Homework Assignment 2
(10 Credits)
Due: Feb 13, 2019
The goal of this homework assignment is to master the programming of Linear Regression method. Sample codes are provided and you are required to complete missing lines, evaluate your codes and report your observations. Details instructions are as follows.
Overview. In this programing exercise, you will need to implement a linear regression algorithm for predicting student’s university GPAs from two features, i.e., Math SAT and Verb SAT. You will be instructed to program the GD method to solve the linear regression model from a set of training samples. Then, you will apply the model to predict the university GPAs of testing samples.
Datasets. The student’s data table is available in the attached ‘sat.csv file, which includes a data matrix.

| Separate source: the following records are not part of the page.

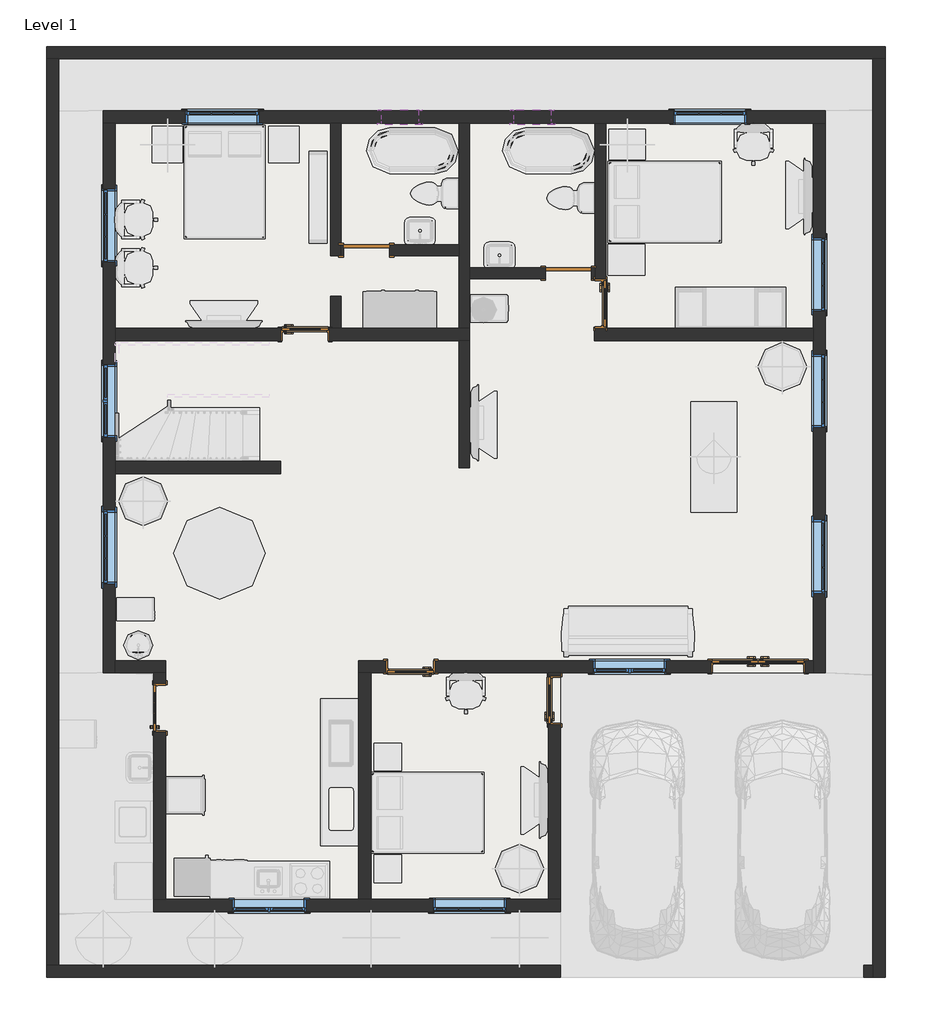
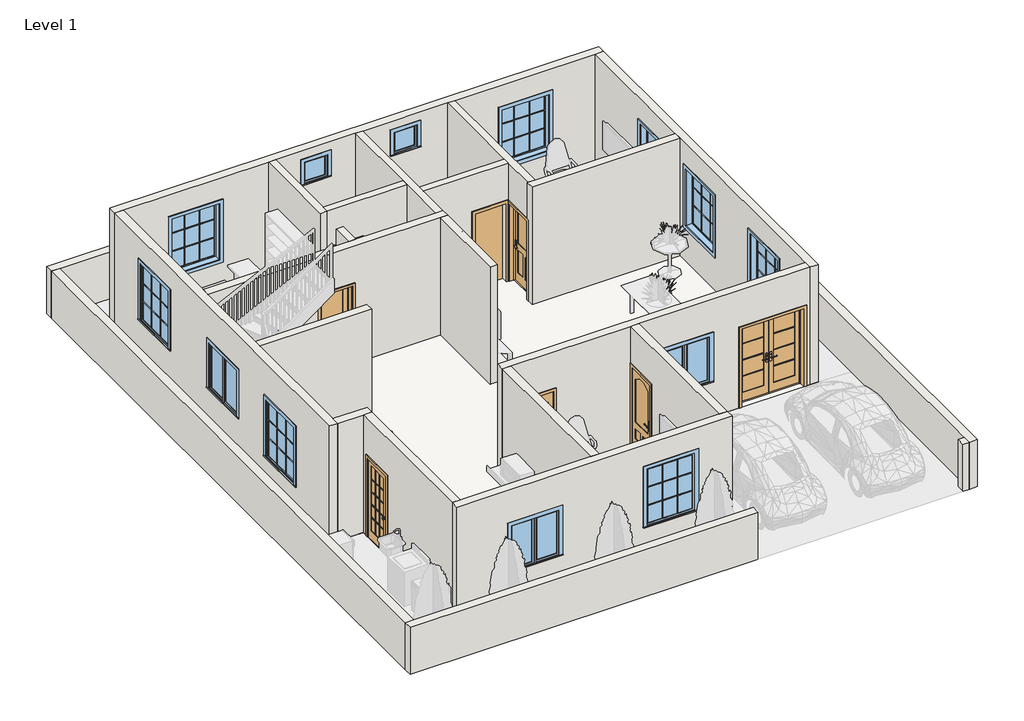
# One storey, part 1 of 3: 24 walls, 13 windows, 8 doors, 1 slab.
"""IFC4 building model written with IfcOpenShell, lengths in millimetres."""

from ifc_helpers import new_model, si_unit, frame, origin, origin_with_axes, place, context, project, spatial, polyline, outline, extrude, faceted_brep, transform, mapped, element, save
from components import door_41326d50, door_7e6851c9, door_3dfc5bb7, door_b03bd389, door_fe2643c7, door_ebd1a24e, door_41c6c2d7, window_cfa1ffdd, window_0862ab64, window_e41d21a6

model = new_model("IFC4")

# Units and contexts
model_context = context("Model", 3, world=origin())
ifc_project = project(units=[si_unit("LENGTHUNIT", "METRE", prefix="MILLI")], contexts=[model_context])

# Site, building, storey
site = spatial("IfcSite", under=ifc_project)
building = spatial("IfcBuilding", under=site)
storey = spatial("IfcBuildingStorey", under=building, Name="Level 1", Elevation=0.0)

# Doors
placement = place(None, origin())
door_shape = door_41326d50(model_context)
element("IfcDoor", 1, ObjectType="30\" x 80\"", at=placement, inside=storey, context=model_context, shape_type="MappedRepresentation", body=[
    mapped(door_shape, transform((-7358.6481534, 4188.5162111, 0.0), x_axis=(0.0, -1.0, 0.0), y_axis=(1.0, 0.0, 0.0), z_axis=(0.0, 0.0, 1.0))),
])
element("IfcDoor", 2, ObjectType="30\" x 80\"", at=placement, inside=storey, context=model_context, shape_type="MappedRepresentation", body=[
    mapped(door_shape, transform((-9743.0731534, 4744.1412111, 0.0), x_axis=(1.0, 0.0, 0.0), y_axis=(0.0, 1.0, 0.0), z_axis=(0.0, 0.0, 1.0))),
])
door_2_shape = door_7e6851c9(model_context)
element("IfcDoor", 3, ObjectType="30\" x 80\"", at=placement, inside=storey, context=model_context, shape_type="MappedRepresentation", body=[
    mapped(door_2_shape, transform((-11495.6731534, 10262.2912111, 0.0), x_axis=(-1.0, 0.0, 0.0), y_axis=(0.0, -1.0, 0.0), z_axis=(0.0, 0.0, 1.0))),
])
door_3_shape = door_3dfc5bb7(model_context)
element("IfcDoor", 4, ObjectType="30\" x 80\"", at=placement, inside=storey, context=model_context, shape_type="MappedRepresentation", body=[
    mapped(door_3_shape, transform((-6590.2981534, 10767.1162111, 0.0), x_axis=(0.0, 1.0, 0.0), y_axis=(-1.0, 0.0, 0.0), z_axis=(0.0, 0.0, 1.0))),
])
door_4_shape = door_b03bd389(model_context)
element("IfcDoor", 5, ObjectType="Door-Exterior-Double-Full Glass-Wood_Clad : 60\" x 80\"", at=placement, inside=storey, context=model_context, shape_type="MappedRepresentation", body=[
    mapped(door_4_shape, transform((-3977.2731534, 4750.4912111, 0.0), x_axis=(1.0, 0.0, 0.0), y_axis=(0.0, 1.0, 0.0), z_axis=(0.0, 0.0, 1.0))),
])
door_5_shape = door_fe2643c7(model_context)
element("IfcDoor", 6, ObjectType="Door-Interior-Single-Full Glass-Wood : 30\" x 80\"", at=placement, inside=storey, context=model_context, shape_type="MappedRepresentation", body=[
    mapped(door_5_shape, transform((-13911.8481534, 4061.5162111, 0.0), x_axis=(0.0, 1.0, 0.0), y_axis=(-1.0, 0.0, 0.0), z_axis=(0.0, 0.0, 1.0))),
])
door_6_shape = door_ebd1a24e(model_context)
element("IfcDoor", 7, ObjectType="Single-Flush : 30\" x 80\"", at=placement, inside=storey, context=model_context, shape_type="MappedRepresentation", body=[
    mapped(door_6_shape, transform((-10479.6731534, 11656.1162111, 0.0), x_axis=(-1.0, 0.0, 0.0), y_axis=(0.0, -1.0, 0.0), z_axis=(0.0, 0.0, 1.0))),
])
door_7_shape = door_41c6c2d7(model_context)
element("IfcDoor", 8, ObjectType="Single-Flush : 30\" x 80\"", at=placement, inside=storey, context=model_context, shape_type="MappedRepresentation", body=[
    mapped(door_7_shape, transform((-7126.8731534, 11275.1162111, 0.0), x_axis=(1.0, 0.0, 0.0), y_axis=(0.0, 1.0, 0.0), z_axis=(0.0, 0.0, 1.0))),
])

# Slab
element("IfcSlab", 9, at=placement, inside=storey, context=model_context, shape_type="SweptSolid", body=[
    extrude(outline(polyline([(-2859.6731534, 13967.5162111), (-2859.6731534, 4645.7162111), (-7253.8731534, 4645.7162111), (-7253.8731534, 683.3162111), (-14010.2731534, 683.3162111), (-14010.2731534, 4645.7162111), (-14848.4731534, 4645.7162111), (-14848.4731534, 13967.5162111), (-2859.6731534, 13967.5162111)])), frame((0.0, 0.0, -323.85), z_axis=(0.0, 0.0, 1.0), x_axis=(1.0, 0.0, 0.0)), (0.0, 0.0, 1.0), 323.85),
])

# Walls
element("IfcWall", 10, ObjectType="Generic - 8\"", at=placement, inside=storey, context=model_context, shape_type="SweptSolid", body=[
    extrude(outline(polyline([(-2224.6731534, -205.6837889), (-2072.2731534, -205.6837889), (-2072.2731534, -408.8837889), (-2224.6731534, -408.8837889), (-2224.6731534, -205.6837889)])), origin_with_axes(), (0.0, 0.0, 1.0), 1219.2),
])
element("IfcWall", 11, ObjectType="Generic - 8\"", at=placement, inside=storey, context=model_context, shape_type="Brep", body=[
    faceted_brep([(-14848.4731534, 13764.3162111, 0.0), (-14848.4731534, 4645.7162111, 0.0), (-14848.4731534, 4645.7162111, 3048.0), (-14848.4731534, 13764.3162111, 3048.0), (-14848.4731534, 7338.1162111, 2133.6), (-14848.4731534, 6118.9162111, 2133.6), (-14848.4731534, 6118.9162111, 609.6), (-14848.4731534, 7338.1162111, 609.6), (-14848.4731534, 12672.1162111, 2438.4), (-14848.4731534, 11452.9162111, 2438.4), (-14848.4731534, 11452.9162111, 914.4), (-14848.4731534, 12672.1162111, 914.4), (-14848.4731534, 9763.8162111, 2133.6), (-14848.4731534, 8544.6162111, 2133.6), (-14848.4731534, 8544.6162111, 914.4), (-14848.4731534, 9763.8162111, 914.4), (-14645.2731534, 13764.3162111, 0.0), (-14645.2731534, 13764.3162111, 3048.0), (-14645.2731534, 10360.7162111, 3048.0), (-14645.2731534, 10157.5162111, 3048.0), (-14645.2731534, 8150.9162111, 3048.0), (-14645.2731534, 7947.7162111, 3048.0), (-14645.2731534, 4848.9162111, 3048.0), (-14645.2731534, 4645.7162111, 3048.0), (-14645.2731534, 4645.7162111, 0.0), (-14645.2731534, 4848.9162111, 0.0), (-14645.2731534, 7947.7162111, 0.0), (-14645.2731534, 8150.9162111, 0.0), (-14645.2731534, 10157.5162111, 0.0), (-14645.2731534, 10360.7162111, 0.0), (-14645.2731534, 7338.1162111, 2133.6), (-14645.2731534, 7338.1162111, 609.6), (-14645.2731534, 6118.9162111, 609.6), (-14645.2731534, 6118.9162111, 2133.6), (-14645.2731534, 12672.1162111, 2438.4), (-14645.2731534, 12672.1162111, 914.4), (-14645.2731534, 11452.9162111, 914.4), (-14645.2731534, 11452.9162111, 2438.4), (-14645.2731534, 9763.8162111, 2133.6), (-14645.2731534, 9763.8162111, 914.4), (-14645.2731534, 8544.6162111, 914.4), (-14645.2731534, 8544.6162111, 2133.6)], [[[0, 1, 2, 3], [4, 5, 6, 7], [8, 9, 10, 11], [12, 13, 14, 15]], [[16, 17, 18, 19, 20, 21, 22, 23, 24, 25, 26, 27, 28, 29], [30, 31, 32, 33], [34, 35, 36, 37], [38, 39, 40, 41]], [[1, 0, 16, 29, 28, 27, 26, 25, 24]], [[3, 2, 23, 22, 21, 20, 19, 18, 17]], [[0, 3, 17, 16]], [[2, 1, 24, 23]], [[31, 30, 4, 7]], [[32, 31, 7, 6]], [[33, 32, 6, 5]], [[30, 33, 5, 4]], [[35, 34, 8, 11]], [[36, 35, 11, 10]], [[37, 36, 10, 9]], [[34, 37, 9, 8]], [[39, 38, 12, 15]], [[40, 39, 15, 14]], [[41, 40, 14, 13]], [[38, 41, 13, 12]]]),
])
element("IfcWall", 12, ObjectType="Generic - 8\"", at=placement, inside=storey, context=model_context, shape_type="Brep", body=[
    faceted_brep([(-3062.8731534, 13764.3162111, 0.0), (-3062.8731534, 10360.7162111, 0.0), (-3062.8731534, 10157.5162111, 0.0), (-3062.8731534, 4848.9162111, 0.0), (-3062.8731534, 4645.7162111, 0.0), (-3062.8731534, 4645.7162111, 3048.0), (-3062.8731534, 4848.9162111, 3048.0), (-3062.8731534, 10157.5162111, 3048.0), (-3062.8731534, 10360.7162111, 3048.0), (-3062.8731534, 13764.3162111, 3048.0), (-3062.8731534, 10640.1162111, 2438.4), (-3062.8731534, 10640.1162111, 914.4), (-3062.8731534, 11859.3162111, 914.4), (-3062.8731534, 11859.3162111, 2438.4), (-3062.8731534, 8709.7162111, 2438.4), (-3062.8731534, 8709.7162111, 914.4), (-3062.8731534, 9928.9162111, 914.4), (-3062.8731534, 9928.9162111, 2438.4), (-3062.8731534, 5966.5162111, 2438.4), (-3062.8731534, 5966.5162111, 914.4), (-3062.8731534, 7185.7162111, 914.4), (-3062.8731534, 7185.7162111, 2438.4), (-2859.6731534, 13764.3162111, 0.0), (-2859.6731534, 13764.3162111, 3048.0), (-2859.6731534, 4645.7162111, 3048.0), (-2859.6731534, 4645.7162111, 0.0), (-2859.6731534, 10640.1162111, 2438.4), (-2859.6731534, 11859.3162111, 2438.4), (-2859.6731534, 11859.3162111, 914.4), (-2859.6731534, 10640.1162111, 914.4), (-2859.6731534, 8709.7162111, 2438.4), (-2859.6731534, 9928.9162111, 2438.4), (-2859.6731534, 9928.9162111, 914.4), (-2859.6731534, 8709.7162111, 914.4), (-2859.6731534, 5966.5162111, 2438.4), (-2859.6731534, 7185.7162111, 2438.4), (-2859.6731534, 7185.7162111, 914.4), (-2859.6731534, 5966.5162111, 914.4)], [[[0, 1, 2, 3, 4, 5, 6, 7, 8, 9], [10, 11, 12, 13], [14, 15, 16, 17], [18, 19, 20, 21]], [[22, 23, 24, 25], [26, 27, 28, 29], [30, 31, 32, 33], [34, 35, 36, 37]], [[4, 3, 2, 1, 0, 22, 25]], [[9, 8, 7, 6, 5, 24, 23]], [[0, 9, 23, 22]], [[5, 4, 25, 24]], [[11, 10, 26, 29]], [[12, 11, 29, 28]], [[13, 12, 28, 27]], [[10, 13, 27, 26]], [[15, 14, 30, 33]], [[16, 15, 33, 32]], [[17, 16, 32, 31]], [[14, 17, 31, 30]], [[19, 18, 34, 37]], [[20, 19, 37, 36]], [[21, 20, 36, 35]], [[18, 21, 35, 34]]]),
])
element("IfcWall", 13, ObjectType="Generic - 8\"", at=placement, inside=storey, context=model_context, shape_type="Brep", body=[
    faceted_brep([(-2859.6731534, 13967.5162111, 0.0), (-14848.4731534, 13967.5162111, 0.0), (-14848.4731534, 13967.5162111, 3048.0), (-2859.6731534, 13967.5162111, 3048.0), (-12257.6731534, 13967.5162111, 2438.4), (-13476.8731534, 13967.5162111, 2438.4), (-13476.8731534, 13967.5162111, 914.4), (-12257.6731534, 13967.5162111, 914.4), (-4167.7731534, 13967.5162111, 2438.4), (-5386.9731534, 13967.5162111, 2438.4), (-5386.9731534, 13967.5162111, 914.4), (-4167.7731534, 13967.5162111, 914.4), (-10225.6731534, 13967.5162111, 2768.6), (-10225.6731534, 13967.5162111, 2159.0), (-9616.0731534, 13967.5162111, 2159.0), (-9616.0731534, 13967.5162111, 2768.6), (-8028.5731534, 13967.5162111, 2768.6), (-8028.5731534, 13967.5162111, 2159.0), (-7418.9731534, 13967.5162111, 2159.0), (-7418.9731534, 13967.5162111, 2768.6), (-2859.6731534, 13764.3162111, 0.0), (-2859.6731534, 13764.3162111, 3048.0), (-3062.8731534, 13764.3162111, 3048.0), (-6504.5731534, 13764.3162111, 3048.0), (-6682.3731534, 13764.3162111, 3048.0), (-8765.1731534, 13764.3162111, 3048.0), (-8942.9731534, 13764.3162111, 3048.0), (-10898.7731534, 13764.3162111, 3048.0), (-11076.5731534, 13764.3162111, 3048.0), (-14645.2731534, 13764.3162111, 3048.0), (-14848.4731534, 13764.3162111, 3048.0), (-14848.4731534, 13764.3162111, 0.0), (-14645.2731534, 13764.3162111, 0.0), (-11076.5731534, 13764.3162111, 0.0), (-10898.7731534, 13764.3162111, 0.0), (-8942.9731534, 13764.3162111, 0.0), (-8765.1731534, 13764.3162111, 0.0), (-6682.3731534, 13764.3162111, 0.0), (-6504.5731534, 13764.3162111, 0.0), (-3062.8731534, 13764.3162111, 0.0), (-12257.6731534, 13764.3162111, 2438.4), (-12257.6731534, 13764.3162111, 914.4), (-13476.8731534, 13764.3162111, 914.4), (-13476.8731534, 13764.3162111, 2438.4), (-4167.7731534, 13764.3162111, 2438.4), (-4167.7731534, 13764.3162111, 914.4), (-5386.9731534, 13764.3162111, 914.4), (-5386.9731534, 13764.3162111, 2438.4), (-10225.6731534, 13764.3162111, 2768.6), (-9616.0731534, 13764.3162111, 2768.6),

Each row represents one of the 105 students and includes five properties. We will use the properties: Math SAT, Verb SAT as input features, and the property: University GPA as output labels. We split the whole dataset into two parts: the first 60 rows for training and the rest for testing.
Sample Codes. The file “main_ha2.py” provides the starting codes for 4 major steps: loading training and testing data, training the linear regression model, testing and evaluating the learned model.
The first step is to load student’s data and split them into two sets, one for training and the other for testing. We use the function download_data() to load data from the ‘sat.csv’ file.
The second step will call the function gradientDescent() in GD.py, i.e., the implementation of gradient descent method, to obtain the optimal parameters and costs over iteration. The latter will be visualized as a convergence curve as the following:
The third step will apply the learned model (i.e., the optimal parameters) to predict the GPA for testing students. The last step will return the average error and standard deviation (STD) of the evaluation results.
There are four PLACEHOLDERs in the provided scripts: two in ‘main_ha2.py” and two in “GD.py”
In “main_ha2.py”,
PLACEHOLDER1: you will need to change the two variables: alpha and MAX_ITER and observe how the convergences curve and evaluation results change. Write down your observations in the report.
PLACEHOLDER2: You will also need to normalize the two input features and the output labels in the first step. The current lines use a function rescaleMatrix() now. Please replace it with your own normalization codes. You can use the function rescaleMatrix() to verify if you codes are running properly.
There are a few different ways for normalizing these features, e.g., you can try scale every feature to be 0 and 1, or taking mean off every value, or others. Please test and evaluate at least one normalization method.
In “GD.py”, you will need to implement the gradient descent function gradientDescent (). Replace the temporary code lines in PLACEHOLDER with your own codes.
PLACEHOLDER3: write your codes to update theta, i.e., the parameters to estimate, following the gradient direction.
PLACEHOLDER4: calculate the current cost with the updated model parameters, i.e. theta.
Write-up
In the report you will describe your algorithm and any decisions you made to write your algorithm a particular way. Then you will show and discuss the results of your codes following the above instructions. In the case of this project, show the convergence curves and quantitative results for each case of your implementations. Also, discuss anything extra you did. Feel free to add any other information you feel is relevant.
How to submit
• Submit your source codes and report using the course site. The codes should be self-contained, and run without any error. Otherwise, penalty will be applied.
• No hard copy required.